# 145kg 1-legged squat (Videos)



## laup (Jun 11, 2011)

As its been quite a good week for training wise (after my mental carb up weekend) I managed my personal best on romanian deadlift with 195kg on tuesday,

So all of today i've had in my head to beat my last year 140kg 1 legged squat.

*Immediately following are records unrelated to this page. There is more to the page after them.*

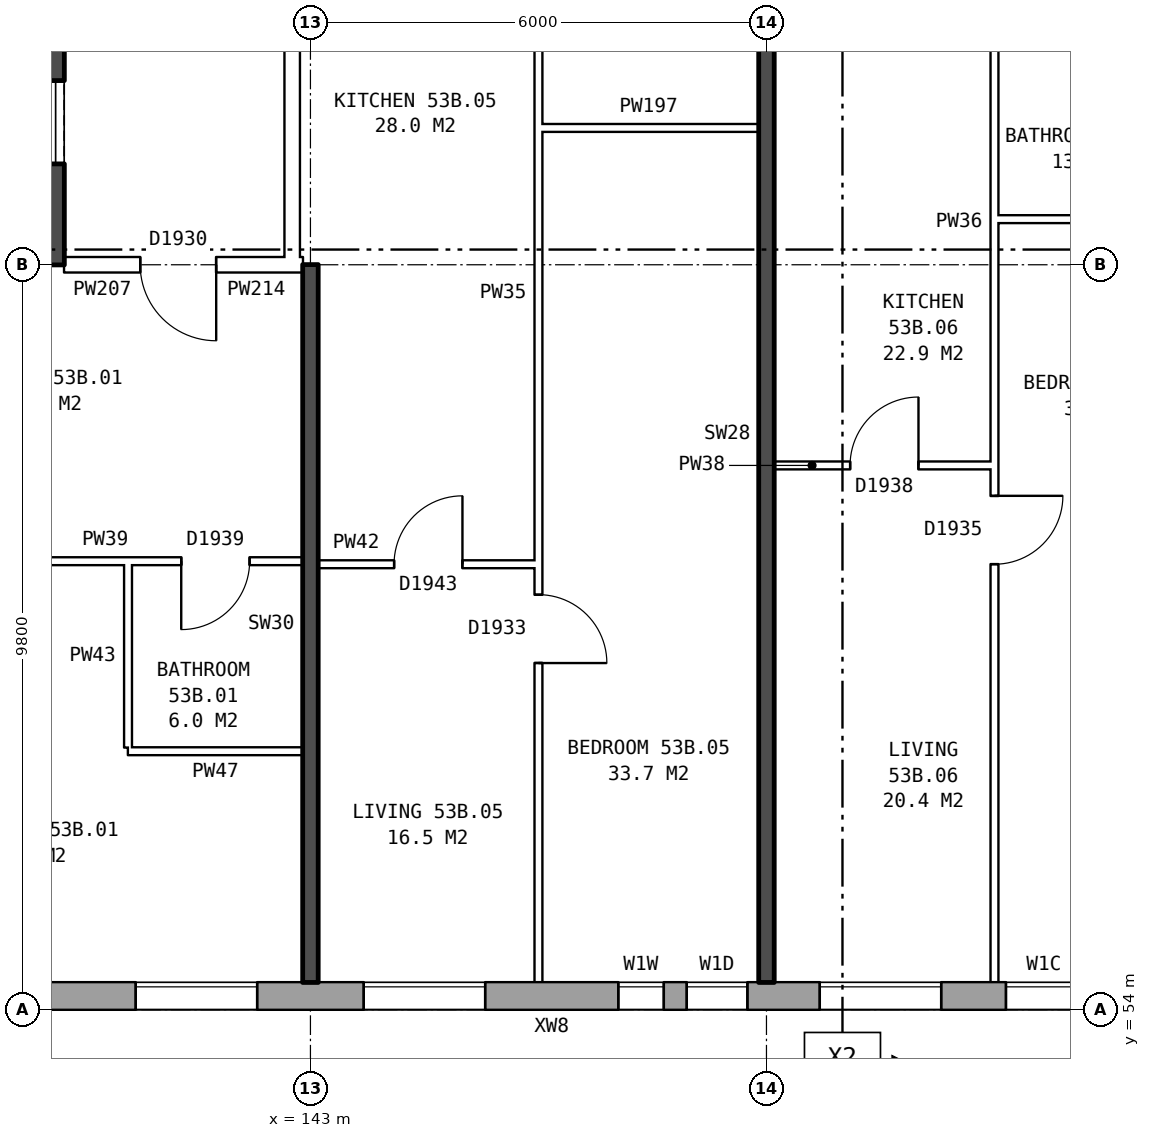
"""IFC4 building model, lengths in metres.
Left out: names, types, materials, properties, quantities, classifications, styles, units other than length and angle.
Written with IfcOpenShell. Run it as: python <this file> out.ifc"""

import sys

from ifc_helpers import new_model, si_unit, direction, frame, frame_2d, origin, place, context, subcontext, project, spatial, rectangle, extrude, element, fill, save


model = new_model("IFC4")
c1 = context("Model", 3, precision=1e-05, world=origin(), true_north=direction((0.0, 1.0)))
c2 = subcontext(c1, "Body", "Model", "MODEL_VIEW")
j1 = project(units=[si_unit("LENGTHUNIT", "METRE"), si_unit("PLANEANGLEUNIT", "RADIAN")], contexts=[c1])
p1 = place(None, origin())
s1 = spatial("IfcSite", under=j1, at=p1, CompositionType="ELEMENT")
p2 = place(p1, origin())
s2 = spatial("IfcBuilding", under=s1, at=p2, CompositionType="ELEMENT")
p3 = place(p2, frame((0.0, 0.0, 188.2)))
s3 = spatial("IfcBuildingStorey", under=s2, at=p3, CompositionType="ELEMENT", Elevation=188.2)
p4 = place(p3, frame((134.075, 54.18, 0.0), z_axis=(0.0, 0.0, 1.0), x_axis=(1.0, 0.0, 0.0)))
e1 = element("IfcWall", 1, at=p4, inside=s3, PredefinedType="STANDARD", context=c2, shape_type="SweptSolid", body=[
    extrude(rectangle(XDim=33.101, YDim=0.36, at=frame_2d((16.55, 0.0))), origin(), (0.0, 0.0, 1.0), 2.85),
])
p5 = place(p4, frame((0.625, 0.0, 0.8)))
e2 = element("IfcOpeningElement", 2, at=p5, cuts=e1, PredefinedType="OPENING", context=c2, shape_type="SweptSolid", body=[
    extrude(rectangle(XDim=1.6, YDim=1.8, at=frame_2d((0.8, 0.9))), frame((0.0, 0.19, 0.0), z_axis=(0.0, -1.0, 0.0), x_axis=(1.0, 0.0, 0.0)), (0.0, 0.0, 1.0), 0.38),
])
p6 = place(p4, frame((3.625, 0.0, 0.8)))
e3 = element("IfcOpeningElement", 3, at=p6, cuts=e1, PredefinedType="OPENING", context=c2, shape_type="SweptSolid", body=[
    extrude(rectangle(XDim=1.6, YDim=1.8, at=frame_2d((0.8, 0.9))), frame((0.0, 0.19, 0.0), z_axis=(0.0, -1.0, 0.0), x_axis=(1.0, 0.0, 0.0)), (0.0, 0.0, 1.0), 0.38),
])
p7 = place(p4, frame((6.625, 0.0, 0.8)))
e4 = element("IfcOpeningElement", 4, at=p7, cuts=e1, PredefinedType="OPENING", context=c2, shape_type="SweptSolid", body=[
    extrude(rectangle(XDim=1.6, YDim=1.8, at=frame_2d((0.8, 0.9))), frame((0.0, 0.19, 0.0), z_axis=(0.0, -1.0, 0.0), x_axis=(1.0, 0.0, 0.0)), (0.0, 0.0, 1.0), 0.38),
])
p8 = place(p4, frame((9.625, 0.0, 0.8)))
e5 = element("IfcOpeningElement", 5, at=p8, cuts=e1, PredefinedType="OPENING", context=c2, shape_type="SweptSolid", body=[
    extrude(rectangle(XDim=1.6, YDim=1.8, at=frame_2d((0.8, 0.9))), frame((0.0, 0.19, 0.0), z_axis=(0.0, -1.0, 0.0), x_axis=(1.0, 0.0, 0.0)), (0.0, 0.0, 1.0), 0.38),
])
p9 = place(p4, frame((12.975, 0.0, 0.15)))
e6 = element("IfcOpeningElement", 6, at=p9, cuts=e1, PredefinedType="OPENING", context=c2, shape_type="SweptSolid", body=[
    extrude(rectangle(XDim=0.6, YDim=0.9, at=frame_2d((0.3, 0.45))), frame((0.0, 0.19, 0.0), z_axis=(0.0, -1.0, 0.0), x_axis=(1.0, 0.0, 0.0)), (0.0, 0.0, 1.0), 0.38),
])
p10 = place(p4, frame((15.625, 0.0, 0.8)))
e7 = element("IfcOpeningElement", 7, at=p10, cuts=e1, PredefinedType="OPENING", context=c2, shape_type="SweptSolid", body=[
    extrude(rectangle(XDim=1.6, YDim=1.8, at=frame_2d((0.8, 0.9))), frame((0.0, 0.19, 0.0), z_axis=(0.0, -1.0, 0.0), x_axis=(1.0, 0.0, 0.0)), (0.0, 0.0, 1.0), 0.38),
])
p11 = place(p4, frame((18.075, 0.0, 0.45)))
e8 = element("IfcOpeningElement", 8, at=p11, cuts=e1, PredefinedType="OPENING", context=c2, shape_type="SweptSolid", body=[
    extrude(rectangle(XDim=1.0, YDim=1.8, at=frame_2d((0.5, 0.9))), frame((0.0, 0.19, 0.0), z_axis=(0.0, -1.0, 0.0), x_axis=(1.0, 0.0, 0.0)), (0.0, 0.0, 1.0), 0.38),
])
p12 = place(p4, frame((21.625, 0.0, 0.8)))
e9 = element("IfcOpeningElement", 9, at=p12, cuts=e1, PredefinedType="OPENING", context=c2, shape_type="SweptSolid", body=[
    extrude(rectangle(XDim=1.6, YDim=1.8, at=frame_2d((0.8, 0.9))), frame((0.0, 0.19, 0.0), z_axis=(0.0, -1.0, 0.0), x_axis=(1.0, 0.0, 0.0)), (0.0, 0.0, 1.0), 0.38),
])
p13 = place(p4, frame((24.625, 0.0, 0.8)))
e10 = element("IfcOpeningElement", 10, at=p13, cuts=e1, PredefinedType="OPENING", context=c2, shape_type="SweptSolid", body=[
    extrude(rectangle(XDim=1.6, YDim=1.8, at=frame_2d((0.8, 0.9))), frame((0.0, 0.19, 0.0), z_axis=(0.0, -1.0, 0.0), x_axis=(1.0, 0.0, 0.0)), (0.0, 0.0, 1.0), 0.38),
])
p14 = place(p4, frame((27.625, 0.0, 0.8)))
e11 = element("IfcOpeningElement", 11, at=p14, cuts=e1, PredefinedType="OPENING", context=c2, shape_type="SweptSolid", body=[
    extrude(rectangle(XDim=1.6, YDim=1.8, at=frame_2d((0.8, 0.9))), frame((0.0, 0.19, 0.0), z_axis=(0.0, -1.0, 0.0), x_axis=(1.0, 0.0, 0.0)), (0.0, 0.0, 1.0), 0.38),
])
p15 = place(p4, frame((30.625, 0.0, 0.8)))
e12 = element("IfcOpeningElement", 12, at=p15, cuts=e1, PredefinedType="OPENING", context=c2, shape_type="SweptSolid", body=[
    extrude(rectangle(XDim=1.6, YDim=1.8, at=frame_2d((0.8, 0.9))), frame((0.0, 0.19, 0.0), z_axis=(0.0, -1.0, 0.0), x_axis=(1.0, 0.0, 0.0)), (0.0, 0.0, 1.0), 0.38),
])
p16 = place(p4, frame((13.875, 0.0, 0.25)))
e13 = element("IfcOpeningElement", 13, at=p16, cuts=e1, PredefinedType="OPENING", context=c2, shape_type="SweptSolid", body=[
    extrude(rectangle(XDim=0.8, YDim=1.8, at=frame_2d((0.4, 0.9))), frame((0.0, 0.19, 0.0), z_axis=(0.0, -1.0, 0.0), x_axis=(1.0, 0.0, 0.0)), (0.0, 0.0, 1.0), 0.38),
])
p17 = place(p4, frame((19.375, 0.0, 0.35)))
e14 = element("IfcOpeningElement", 14, at=p17, cuts=e1, PredefinedType="OPENING", context=c2, shape_type="SweptSolid", body=[
    extrude(rectangle(XDim=0.6, YDim=0.9, at=frame_2d((0.3, 0.45))), frame((0.0, 0.19, 0.0), z_axis=(0.0, -1.0, 0.0), x_axis=(1.0, 0.0, 0.0)), (0.0, 0.0, 1.0), 0.38),
])
p18 = place(p3, frame((139.535, 63.8, 0.0), z_axis=(0.0, 0.0, 1.0), x_axis=(0.0, 1.0, 0.0)))
e15 = element("IfcWall", 15, at=p18, inside=s3, PredefinedType="SHEAR", context=c2, shape_type="SweptSolid", body=[
    extrude(rectangle(XDim=12.4, YDim=0.45, at=frame_2d((6.2, 0.0))), origin(), (0.0, 0.0, 1.0), 2.85),
])
p19 = place(p18, frame((1.325, 0.0, 0.0)))
e16 = element("IfcOpeningElement", 16, at=p19, cuts=e15, PredefinedType="OPENING", context=c2, shape_type="SweptSolid", body=[
    extrude(rectangle(XDim=1.1, YDim=2.1, at=frame_2d((0.55, 1.05))), frame((0.0, 0.235, 0.0), z_axis=(0.0, -1.0, 0.0), x_axis=(1.0, 0.0, 0.0)), (0.0, 0.0, 1.0), 0.47),
])
p20 = place(p18, frame((3.6, 0.0, 0.0)))
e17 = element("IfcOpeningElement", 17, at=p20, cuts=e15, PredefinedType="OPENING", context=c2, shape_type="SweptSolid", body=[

I did a couple of videos today 1st one 140kg then the next setting as new pb @ 145kg  whoop whoop

I have to do it on the smith machine for obvious reasons. but scrutinize as you wish.. As you can see i have a bench below me so i go as far as to touch my **** on it, maybe i need to go lower?? you decide 











You can follow my little journal @ http://www.uk-muscle.co.uk/member-journals-pictures/178013-get-shredded-end-june.html


----------



## Guest (Jun 7, 2012)

:thumb:


----------



## MRSTRONG (Apr 18, 2009)

well done im impressed .

to all those that dont squat because you got a stiff back how about you man the fcuk up and take inspiration from this man .


----------



## Steuk (Dec 21, 2011)

Well done mate!


----------



## laup (Jun 11, 2011)

I'd like some input on if u think form is adequate TBH guys, I usually knock squats on the head as they don't do piles no favours lol


----------



## Big_Idiot (Feb 14, 2012)

Brilliant.


----------



## MRSTRONG (Apr 18, 2009)

laup said:


> I'd like some input on if u think form is adequate TBH guys, I usually knock squats on the head as they don't do piles no favours lol


haha not sure i can comment on form ive not seen anyone with one leg squat before :lol:

but your the bench mark .

i reckon as long as your going to 90 or just beyond then your form is spot on but tbh im not gonna knock you for doing a quarter squat .


----------



## Queenie (May 30, 2013)

I've never seen a squat on the smith tbh. But if you feel it then the form would be right surely? Looks a deeper squat than some I've seen 

Awesome work. Can see how heavy that was... I'd definitely vote for keeping them in your routine x x


----------



## laup (Jun 11, 2011)

Yeah believe me guys that takes it out of you obviously its a bit easier on the smith as it take the whole stabilizing part out.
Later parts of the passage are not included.